# Help...my knob has fallen off



## mmmatron (Jun 28, 2014)

The wooden knob on the lever has fallen off my Vesuvius. It had some kind of threadable insert inside it that was threaded on to the lever which has disintegrated. Any ideas what to replace it with? I've stuck a bit of PTFE on for now.


----------



## El carajillo (Mar 16, 2013)

It looks as if some of the thread from the insert is missing ? What you have in your hand appears to be some metalic packing that was wrapped around the thread to take up slack. You could try winding a narrow strip of aluminium foil (cooking/ baking) clockwise around the threaded section, try 2 full turns initially. If insufficient clean off and use more. Other alternative would be to use a removable thread-lock material.


----------



## SimonN (Feb 4, 2016)

Well, there's a few ways of fixing that, ptfe tape is obviously one of them, but is unlikely to last. It depends whether you are likely to want to remove the knob again in the future, if you don't then epoxy resin will do the job perfectly (but good luck getting it apart again!).

The more professional fix would be to drill the insert out of the knob and replace it - it's only something like a helicoil which is easily available if you can't get the correct insert. But, that said, it'll probably cost you just as much as simply buying a new knob, in time and grief at least, so I'd be getting on to the manufacturer or supplier to just buy a new one.

Good luck

Simon


----------



## jimbojohn55 (Jan 15, 2016)

work out the thread size and buy one from here - http://www.theinsertcompany.com/index.php

might have to drill out the old one and use epoxy to fit the new one


----------



## DavecUK (Aug 6, 2013)

If it were me....I would use a low strength glue or a touch of super-glue and simply glue it back...it's not like you need to pull on it is it? This should allow you to break it free if for whatever reason you need to remove the knob. The other option is a few turns of electricians tape and make it a tightish press fit onto the shaft, perhaps with a dab of super-glue to ensure it holds well.

I think rethreading or helicoil insert etc...it just using a sledgehammer to crush a nut of a problem...and as someone has said, just cheaper to go and buy a new knob.


----------



## Xpenno (Nov 12, 2012)

Ahhhh crap, I forgot about that. The thread on the lever didn't match the toggle. I used the metal bits off the end of a pencil (the bit that holds the rubber on) to wedge it on, I know a typical macgyver job









I did it when I first got them and never thought about it again!!
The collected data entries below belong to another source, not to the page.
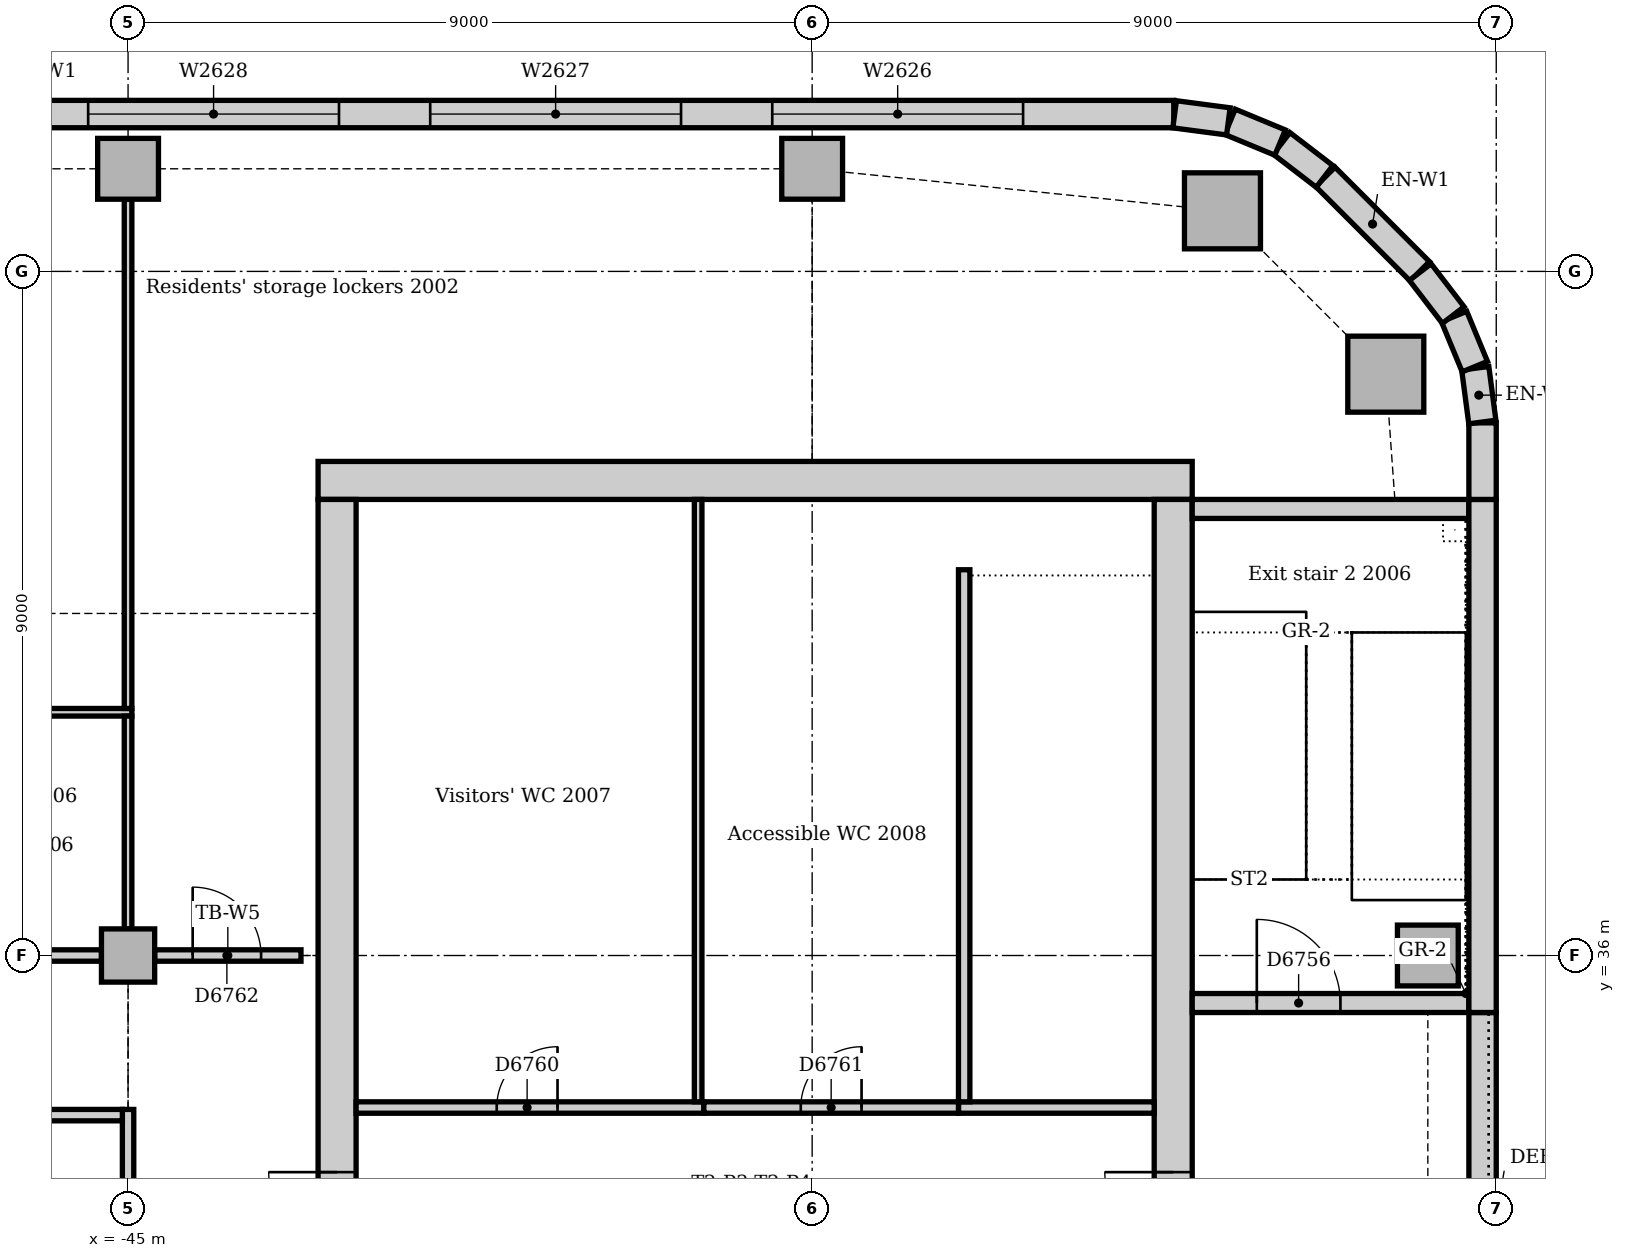
"""IFC4 building model, lengths in metres.
Left out: names, types, materials, properties, quantities, classifications, styles, units other than length and angle.
Written with IfcOpenShell. Run it as: python <this file> out.ifc"""

import sys

from ifc_helpers import new_model, si_unit, direction, frame, frame_2d, origin, origin_2d, place, context, subcontext, project, spatial, rectangle, extrude, element, fill, save


model = new_model("IFC4")
c1 = context("Model", 3, precision=1e-05, world=origin(), true_north=direction((0.0, 1.0)))
c2 = subcontext(c1, "Body", "Model", "MODEL_VIEW")
j1 = project(units=[si_unit("LENGTHUNIT", "METRE"), si_unit("PLANEANGLEUNIT", "RADIAN")], contexts=[c1])
p1 = place(None, origin())
s1 = spatial("IfcSite", under=j1, at=p1, CompositionType="ELEMENT")
p2 = place(p1, origin())
s2 = spatial("IfcBuilding", under=s1, at=p2, CompositionType="ELEMENT")
p3 = place(p2, frame((0.0, 0.0, 87.0)))
s3 = spatial("IfcBuildingStorey", under=s2, at=p3, CompositionType="ELEMENT", Elevation=87.0)
p4 = place(p3, frame((-31.0, 42.25, 0.0), z_axis=(0.0, 0.0, 1.0), x_axis=(-1.0, 0.0, 0.0)))
e1 = element("IfcWall", 1, at=p4, inside=s3, PredefinedType="SOLIDWALL", context=c2, shape_type="SweptSolid", body=[
    extrude(rectangle(XDim=11.5, YDim=0.5, at=frame_2d((5.75, 0.0))), origin(), (0.0, 0.0, 1.0), 4.0),
])
p5 = place(p3, frame((-31.25, 30.5, 0.0), z_axis=(0.0, 0.0, 1.0), x_axis=(0.0, 1.0, 0.0)))
e2 = element("IfcWall", 2, at=p5, inside=s3, PredefinedType="SOLIDWALL", context=c2, shape_type="SweptSolid", body=[
    extrude(rectangle(XDim=11.5, YDim=0.5, at=frame_2d((5.75, 0.0))), origin(), (0.0, 0.0, 1.0), 4.0),
])
p6 = place(p5, frame((0.85, 0.0, 0.0)))
e3 = element("IfcOpeningElement", 3, at=p6, cuts=e2, PredefinedType="OPENING", context=c2, shape_type="SweptSolid", body=[
    extrude(rectangle(XDim=1.8, YDim=2.1, at=frame_2d((0.9, 1.05))), frame((0.0, 0.26, 0.0), z_axis=(0.0, -1.0, 0.0), x_axis=(1.0, 0.0, 0.0)), (0.0, 0.0, 1.0), 0.52),
])
p7 = place(p3, frame((-42.25, 42.0, 0.0), z_axis=(0.0, 0.0, 1.0), x_axis=(0.0, -1.0, 0.0)))
e4 = element("IfcWall", 4, at=p7, inside=s3, PredefinedType="SOLIDWALL", context=c2, shape_type="SweptSolid", body=[
    extrude(rectangle(XDim=11.5, YDim=0.5, at=frame_2d((5.75, 0.0))), origin(), (0.0, 0.0, 1.0), 4.0),
])
p8 = place(p7, frame((8.85, 0.0, 0.0)))
e5 = element("IfcOpeningElement", 5, at=p8, cuts=e4, PredefinedType="OPENING", context=c2, shape_type="SweptSolid", body=[
    extrude(rectangle(XDim=1.8, YDim=2.1, at=frame_2d((0.9, 1.05))), frame((0.0, 0.26, 0.0), z_axis=(0.0, -1.0, 0.0), x_axis=(1.0, 0.0, 0.0)), (0.0, 0.0, 1.0), 0.52),
])
p9 = place(p3, frame((-31.0, 35.375, 0.0), z_axis=(0.0, 0.0, 1.0), x_axis=(1.0, 0.0, 0.0)))
e6 = element("IfcWall", 6, at=p9, inside=s3, PredefinedType="SOLIDWALL", context=c2, shape_type="SweptSolid", body=[
    extrude(rectangle(XDim=3.64, YDim=0.25, at=frame_2d((1.82, 0.0))), origin(), (0.0, 0.0, 1.0), 4.0),
])
p10 = place(p9, frame((0.85, 0.0, 0.0)))
e7 = element("IfcOpeningElement", 7, at=p10, cuts=e6, PredefinedType="OPENING", context=c2, shape_type="SweptSolid", body=[
    extrude(rectangle(XDim=1.1, YDim=2.1, at=frame_2d((0.55, 1.05))), frame((0.0, 0.135, 0.0), z_axis=(0.0, -1.0, 0.0), x_axis=(1.0, 0.0, 0.0)), (0.0, 0.0, 1.0), 0.27),
])
p11 = place(p3, frame((-27.36, 41.875, 0.0), z_axis=(0.0, 0.0, 1.0), x_axis=(-1.0, 0.0, 0.0)))
e8 = element("IfcWall", 8, at=p11, inside=s3, PredefinedType="SOLIDWALL", context=c2, shape_type="SweptSolid", body=[
    extrude(rectangle(XDim=3.64, YDim=0.25, at=frame_2d((1.82, 0.0))), origin(), (0.0, 0.0, 1.0), 4.0),
])
for number, where, z_axis, x_axis in (
    (9, (-28.453, 43.648, 0.0), (0.0, 0.0, 1.0), (1.0, 0.0, 0.0)),
    (10, (-30.602, 45.797, 0.0), (0.0, 0.0, 1.0), (1.0, 0.0, 0.0)),
):
    element("IfcColumn", number, at=place(p3, frame(where, z_axis=z_axis, x_axis=x_axis)), inside=s3, PredefinedType="COLUMN", context=c2, shape_type="SweptSolid", body=[
        extrude(rectangle(XDim=1.0, YDim=1.0, at=origin_2d()), origin(), (0.0, 0.0, 1.0), 3.85),
    ])
p12 = place(p3, frame((-27.9, 36.0, 0.0), z_axis=(0.0, 0.0, 1.0), x_axis=(1.0, 0.0, 0.0)))
e11 = element("IfcColumn", 11, at=p12, inside=s3, PredefinedType="COLUMN", context=c2, shape_type="SweptSolid", body=[
    extrude(rectangle(XDim=0.8, YDim=0.8, at=origin_2d()), origin(), (0.0, 0.0, 1.0), 4.0),
])
for number, where, z_axis, x_axis in (
    (12, (-45.0, 46.35, 0.0), (0.0, 0.0, 1.0), (1.0, 0.0, 0.0)),
    (13, (-36.0, 46.35, 0.0), (0.0, 0.0, 1.0), (1.0, 0.0, 0.0)),
):
    element("IfcColumn", number, at=place(p3, frame(where, z_axis=z_axis, x_axis=x_axis)), inside=s3, PredefinedType="COLUMN", context=c2, shape_type="SweptSolid", body=[
        extrude(rectangle(XDim=0.8, YDim=0.8, at=origin_2d()), origin(), (0.0, 0.0, 1.0), 3.85),
    ])
p13 = place(p3, frame((-45.0, 36.0, 0.0), z_axis=(0.0, 0.0, 1.0), x_axis=(1.0, 0.0, 0.0)))
e14 = element("IfcColumn", 14, at=p13, inside=s3, PredefinedType="COLUMN", context=c2, shape_type="SweptSolid", body=[
    extrude(rectangle(XDim=0.7, YDim=0.7, at=origin_2d()), origin(), (0.0, 0.0, 1.0), 3.85),
])
p14 = place(p3, frame((-27.18, 27.75, 0.0), z_axis=(0.0, 0.0, 1.0), x_axis=(0.0, 1.0, 0.0)))
e15 = element("IfcWall", 15, at=p14, inside=s3, PredefinedType="STANDARD", context=c2, shape_type="SweptSolid", body=[
    extrude(rectangle(XDim=7.5, YDim=0.36, at=frame_2d((3.75, 0.0))), origin(), (0.0, 0.0, 1.0), 3.85),
])
p15 = place(p14, frame((2.85, 0.0, 1.2)))
e16 = element("IfcOpeningElement", 16, at=p15, cuts=e15, PredefinedType="OPENING", context=c2, shape_type="SweptSolid", body=[
    extrude(rectangle(XDim=1.8, YDim=1.2, at=frame_2d((0.9, 0.6))), frame((0.0, 0.19, 0.0), z_axis=(0.0, -1.0, 0.0), x_axis=(1.0, 0.0, 0.0)), (0.0, 0.0, 1.0), 0.38),
])
p16 = place(p3, frame((-27.18, 35.25, 0.0), z_axis=(0.0, 0.0, 1.0), x_axis=(0.0, 1.0, 0.0)))
e17 = element("IfcWall", 17, at=p16, inside=s3, PredefinedType="STANDARD", context=c2, shape_type="SweptSolid", body=[
    extrude(rectangle(XDim=6.75, YDim=0.36, at=frame_2d((3.375, 0.0))), origin(), (0.0, 0.0, 1.0), 3.85),
])
p17 = place(p3, frame((-27.18, 42.0, 0.0), z_axis=(0.0, 0.0, 1.0), x_axis=(0.0, 1.0, 0.0)))
e18 = element("IfcWall", 18, at=p17, inside=s3, PredefinedType="STANDARD", context=c2, shape_type="SweptSolid", body=[
    extrude(rectangle(XDim=1.007, YDim=0.36, at=frame_2d((0.504, 0.0))), origin(), (0.0, 0.0, 1.0), 3.85),
])
p18 = place(p3, frame((-28.006, 45.001, 0.0), z_axis=(0.0, 0.0, 1.0), x_axis=(-0.707106781187, 0.707106781187, 0.0)))
e19 = element("IfcWall", 19, at=p18, inside=s3, PredefinedType="STANDARD", context=c2, shape_type="SweptSolid", body=[
    extrude(rectangle(XDim=1.757, YDim=0.36, at=frame_2d((0.879, 0.0))), origin(), (0.0, 0.0, 1.0), 3.85),
])
p19 = place(p3, frame((-31.243, 47.07, 0.0), z_axis=(0.0, 0.0, 1.0), x_axis=(-1.0, 0.0, 0.0)))
e20 = element("IfcWall", 20, at=p19, inside=s3, PredefinedType="STANDARD", context=c2, shape_type="SweptSolid", body=[
    extrude(rectangle(XDim=29.765, YDim=0.36, at=frame_2d((14.882, 0.0))), origin(), (0.0, 0.0, 1.0), 3.85),
])
p20 = place(p19, frame((1.982, 0.0, 0.9)))
e21 = element("IfcOpeningElement", 21, at=p20, cuts=e20, PredefinedType="OPENING", context=c2, shape_type="SweptSolid", body=[
    extrude(rectangle(XDim=3.3, YDim=1.6, at=frame_2d((1.65, 0.8))), frame((0.0, 0.19, 0.0), z_axis=(0.0, -1.0, 0.0), x_axis=(1.0, 0.0, 0.0)), (0.0, 0.0, 1.0), 0.38),
])
p21 = place(p19, frame((6.482, 0.0, 0.9)))
e22 = element("IfcOpeningElement", 22, at=p21, cuts=e20, PredefinedType="OPENING", context=c2, shape_type="SweptSolid", body=[
    extrude(rectangle(XDim=3.3, YDim=1.6, at=frame_2d((1.65, 0.8))), frame((0.0, 0.19, 0.0), z_axis=(0.0, -1.0, 0.0), x_axis=(1.0, 0.0, 0.0)), (0.0, 0.0, 1.0), 0.38),
])
p22 = place(p19, frame((10.982, 0.0, 0.9)))
e23 = element("IfcOpeningElement", 23, at=p22, cuts=e20, PredefinedType="OPENING", context=c2, shape_type="SweptSolid", body=[
    extrude(rectangle(XDim=3.3, YDim=1.6, at=frame_2d((1.65, 0.8))), frame((0.0, 0.19, 0.0), z_axis=(0.0, -1.0, 0.0), x_axis=(1.0, 0.0, 0.0)), (0.0, 0.0, 1.0), 0.38),
])
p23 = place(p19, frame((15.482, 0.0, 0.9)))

Those inserts should do a proper job.


----------



## mmmatron (Jun 28, 2014)

Xpenno said:


> Ahhhh crap, I forgot about that. The thread on the lever didn't match the toggle. I used the metal bits off the end of a pencil (the bit that holds the rubber on) to wedge it on, I know a typical macgyver job
> 
> 
> 
> ...


Ha no worries, I'll probably find a home remedy for now and sort it properly after Christmas.

Thanks for the advice guys


----------



## DJA (Nov 22, 2016)

I'd go with jimbojohn55's suggestion.

Get an unheaded hex drive for the lever thread internal thread size and either drill or bore out the knob to meet recommended hole size. use the hex allen key to fix insert and you're done.

If you have access to a set of engineering thread taps that match the lever thread, you could also plug the hole in the knob with some hardwood doweling , then drill out and thread appropriately.


----------



## El carajillo (Mar 16, 2013)

The taps used for engineering generally have too fine a thread for tapping into wood, the fibres are cut and tend to break out.


----------



## Norvin (Sep 10, 2014)

Try cutting a strip of aluminium from a coke can and using it as a shim.


----------



## DJA (Nov 22, 2016)

Not if you use a close grained hardwood. 50 years ago when I was a student engineer I used to make bespoke wooden gearnobs and sell them, they all had threaded inserts to match the gear lever threads. If you have at least half a dozen threads, you'll never have a problem with the limited loads imposed by an espresso machine.

Maybe I should start making bespoke handles again?


----------